Fitch has revised Saudi Arabia’s outlook from “Stable” to “Negative” and affirmed the Long-Term Foreign-Currency Issuer Default Rating (IDR) at “A,” according to FitchRatings. The revised outlook reflects the continued weakening of the fiscal and balance sheets of Saudi Arabia, fueled by the coronavirus pandemic and declining oil prices.
- Fitch forecasts a decline in Saudi’s sovereign net foreign assets (SNFA) to 60% of GDP by 2022, down from 72% of GDP in 2019-2020 due to debt issuance and reserve drawdowns.
- Fitch expects the government budget deficit to fall to 12.8% of GDP in 2020, down from 4.5% of GDP in 2019.
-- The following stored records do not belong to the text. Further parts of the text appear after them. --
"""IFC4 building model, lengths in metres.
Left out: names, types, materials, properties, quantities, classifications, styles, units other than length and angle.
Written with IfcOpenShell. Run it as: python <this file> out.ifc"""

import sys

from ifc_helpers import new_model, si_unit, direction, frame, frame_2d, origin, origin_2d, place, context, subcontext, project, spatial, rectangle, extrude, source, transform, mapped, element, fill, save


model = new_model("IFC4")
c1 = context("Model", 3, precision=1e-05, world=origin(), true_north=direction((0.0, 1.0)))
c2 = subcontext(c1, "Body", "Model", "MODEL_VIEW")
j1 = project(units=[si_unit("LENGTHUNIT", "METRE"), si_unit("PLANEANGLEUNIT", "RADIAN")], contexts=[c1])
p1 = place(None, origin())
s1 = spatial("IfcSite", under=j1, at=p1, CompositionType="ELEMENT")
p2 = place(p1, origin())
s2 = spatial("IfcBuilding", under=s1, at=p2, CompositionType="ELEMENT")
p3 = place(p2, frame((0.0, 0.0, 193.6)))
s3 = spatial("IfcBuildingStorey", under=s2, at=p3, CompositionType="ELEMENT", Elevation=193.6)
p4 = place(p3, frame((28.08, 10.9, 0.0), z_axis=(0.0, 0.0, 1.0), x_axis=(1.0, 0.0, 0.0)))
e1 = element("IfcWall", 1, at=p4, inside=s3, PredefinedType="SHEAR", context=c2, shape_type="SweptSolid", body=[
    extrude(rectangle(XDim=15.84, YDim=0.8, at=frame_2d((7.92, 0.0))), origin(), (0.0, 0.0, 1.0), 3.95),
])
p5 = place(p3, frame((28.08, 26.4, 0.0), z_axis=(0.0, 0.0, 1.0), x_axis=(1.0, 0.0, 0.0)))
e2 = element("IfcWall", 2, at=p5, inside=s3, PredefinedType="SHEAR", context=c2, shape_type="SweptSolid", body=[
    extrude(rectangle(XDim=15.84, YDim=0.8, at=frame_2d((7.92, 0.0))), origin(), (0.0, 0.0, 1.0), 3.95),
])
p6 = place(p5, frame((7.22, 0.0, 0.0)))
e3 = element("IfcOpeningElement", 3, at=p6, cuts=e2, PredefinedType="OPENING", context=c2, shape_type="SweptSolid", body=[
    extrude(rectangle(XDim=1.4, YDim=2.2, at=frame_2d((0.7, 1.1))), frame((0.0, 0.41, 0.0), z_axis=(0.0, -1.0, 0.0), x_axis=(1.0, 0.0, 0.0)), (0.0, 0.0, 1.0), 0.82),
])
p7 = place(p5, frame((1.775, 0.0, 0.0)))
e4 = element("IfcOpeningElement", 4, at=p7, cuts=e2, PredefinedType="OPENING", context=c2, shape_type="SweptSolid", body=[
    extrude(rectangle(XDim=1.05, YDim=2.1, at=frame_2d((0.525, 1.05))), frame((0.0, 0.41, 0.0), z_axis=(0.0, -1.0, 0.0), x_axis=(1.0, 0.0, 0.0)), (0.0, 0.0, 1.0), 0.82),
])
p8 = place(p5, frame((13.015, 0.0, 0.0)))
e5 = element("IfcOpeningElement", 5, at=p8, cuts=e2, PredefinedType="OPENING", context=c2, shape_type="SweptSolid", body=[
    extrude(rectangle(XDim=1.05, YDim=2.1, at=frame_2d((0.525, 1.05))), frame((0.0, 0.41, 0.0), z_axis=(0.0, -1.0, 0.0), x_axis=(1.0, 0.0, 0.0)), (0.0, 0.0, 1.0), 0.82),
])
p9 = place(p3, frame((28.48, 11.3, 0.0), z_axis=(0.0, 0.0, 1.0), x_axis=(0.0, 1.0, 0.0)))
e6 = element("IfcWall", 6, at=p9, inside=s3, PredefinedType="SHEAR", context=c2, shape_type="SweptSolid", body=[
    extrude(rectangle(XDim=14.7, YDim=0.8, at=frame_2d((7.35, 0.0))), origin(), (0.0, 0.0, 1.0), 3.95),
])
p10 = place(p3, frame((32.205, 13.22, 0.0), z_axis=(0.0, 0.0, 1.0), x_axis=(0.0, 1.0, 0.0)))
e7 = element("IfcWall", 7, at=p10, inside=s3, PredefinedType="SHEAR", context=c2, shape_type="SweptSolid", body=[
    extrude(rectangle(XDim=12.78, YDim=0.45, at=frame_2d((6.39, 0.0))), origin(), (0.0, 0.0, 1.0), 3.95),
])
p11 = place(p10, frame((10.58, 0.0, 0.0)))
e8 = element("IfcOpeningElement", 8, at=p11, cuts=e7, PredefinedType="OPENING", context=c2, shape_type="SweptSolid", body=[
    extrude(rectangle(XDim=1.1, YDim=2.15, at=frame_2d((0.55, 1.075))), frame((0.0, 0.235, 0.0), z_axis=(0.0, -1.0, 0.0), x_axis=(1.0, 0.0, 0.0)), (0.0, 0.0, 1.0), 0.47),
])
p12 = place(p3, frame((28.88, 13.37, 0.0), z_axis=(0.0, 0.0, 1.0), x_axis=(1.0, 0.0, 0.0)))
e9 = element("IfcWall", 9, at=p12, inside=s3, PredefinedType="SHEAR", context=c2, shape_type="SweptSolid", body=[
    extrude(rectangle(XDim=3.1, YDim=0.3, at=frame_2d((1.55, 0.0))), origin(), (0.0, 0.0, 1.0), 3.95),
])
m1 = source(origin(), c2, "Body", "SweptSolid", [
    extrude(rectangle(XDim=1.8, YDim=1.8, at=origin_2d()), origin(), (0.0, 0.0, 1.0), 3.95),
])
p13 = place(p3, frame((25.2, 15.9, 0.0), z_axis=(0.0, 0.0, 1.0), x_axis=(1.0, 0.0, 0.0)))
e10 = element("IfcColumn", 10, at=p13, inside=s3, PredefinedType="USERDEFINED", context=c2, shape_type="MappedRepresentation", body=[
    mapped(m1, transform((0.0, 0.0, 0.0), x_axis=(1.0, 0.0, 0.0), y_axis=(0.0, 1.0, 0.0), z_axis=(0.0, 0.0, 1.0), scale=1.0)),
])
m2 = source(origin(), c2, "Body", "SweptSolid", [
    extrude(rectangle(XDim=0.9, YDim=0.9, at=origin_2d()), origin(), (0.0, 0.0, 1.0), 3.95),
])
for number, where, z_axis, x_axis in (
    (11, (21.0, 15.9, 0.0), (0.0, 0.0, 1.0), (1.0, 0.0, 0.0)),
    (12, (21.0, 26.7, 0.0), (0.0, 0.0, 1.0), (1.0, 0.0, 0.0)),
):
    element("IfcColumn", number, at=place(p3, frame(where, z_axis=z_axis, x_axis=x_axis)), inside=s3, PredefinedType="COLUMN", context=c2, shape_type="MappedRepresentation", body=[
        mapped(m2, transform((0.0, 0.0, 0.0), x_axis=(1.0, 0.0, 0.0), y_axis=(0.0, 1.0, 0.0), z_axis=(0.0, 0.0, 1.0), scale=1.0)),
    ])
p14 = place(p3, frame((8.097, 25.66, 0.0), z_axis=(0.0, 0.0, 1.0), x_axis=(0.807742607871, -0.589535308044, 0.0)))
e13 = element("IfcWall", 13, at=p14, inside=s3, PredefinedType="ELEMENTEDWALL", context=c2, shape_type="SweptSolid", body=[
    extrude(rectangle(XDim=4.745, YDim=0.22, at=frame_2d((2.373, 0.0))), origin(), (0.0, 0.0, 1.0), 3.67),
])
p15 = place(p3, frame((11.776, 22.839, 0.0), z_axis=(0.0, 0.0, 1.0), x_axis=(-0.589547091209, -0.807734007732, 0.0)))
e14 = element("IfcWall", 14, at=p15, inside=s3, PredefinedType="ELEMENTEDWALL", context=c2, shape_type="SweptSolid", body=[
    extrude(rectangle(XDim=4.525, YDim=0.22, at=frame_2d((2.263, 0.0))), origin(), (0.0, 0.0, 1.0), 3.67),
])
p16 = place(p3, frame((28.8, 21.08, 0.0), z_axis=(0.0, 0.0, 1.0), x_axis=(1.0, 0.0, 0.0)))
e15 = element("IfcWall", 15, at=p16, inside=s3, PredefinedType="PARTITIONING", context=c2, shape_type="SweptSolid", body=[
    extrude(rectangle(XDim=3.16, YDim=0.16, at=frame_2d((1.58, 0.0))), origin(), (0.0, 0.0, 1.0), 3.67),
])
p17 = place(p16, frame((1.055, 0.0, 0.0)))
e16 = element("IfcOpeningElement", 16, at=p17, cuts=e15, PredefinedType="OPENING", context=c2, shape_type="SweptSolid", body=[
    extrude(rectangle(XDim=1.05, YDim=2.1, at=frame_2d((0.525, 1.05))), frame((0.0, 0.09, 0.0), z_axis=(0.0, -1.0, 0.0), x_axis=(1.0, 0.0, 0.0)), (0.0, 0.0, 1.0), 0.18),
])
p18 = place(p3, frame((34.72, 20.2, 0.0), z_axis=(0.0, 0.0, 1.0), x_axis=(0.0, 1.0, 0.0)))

- Saudi’s fiscal deficits to decline to about 8% of GDP in 2021 and 5% of GDP in 2022, albeit Brent oil price recoveries and growth in crude oil production.
- Saudi’s government anticipates stronger revenue recovery and spending cuts to narrow the fiscal deficit to 5% of GDP in 2021 and 3% of GDP in 2022.
- Government and broader public balance sheet continues deteriorating but will remain stronger than those of most “A” category sovereigns.
- Government reserve is expected to fall to 16% of GDP by 2020 and 12% of GDP in 2022, from 18% of GDP in 2019.
- Saudi GDP to contract by about a little over 4% this year due to oil production cuts and disruptions by the coronavirus.
- IDR “A” rating also reflects the government’s structural fiscal measures to limit the impact of low oil prices and coronavirus pandemic on public finances.
Fitch ratings indicate a state’s or entity’s ability to repay debts and its level of default risk.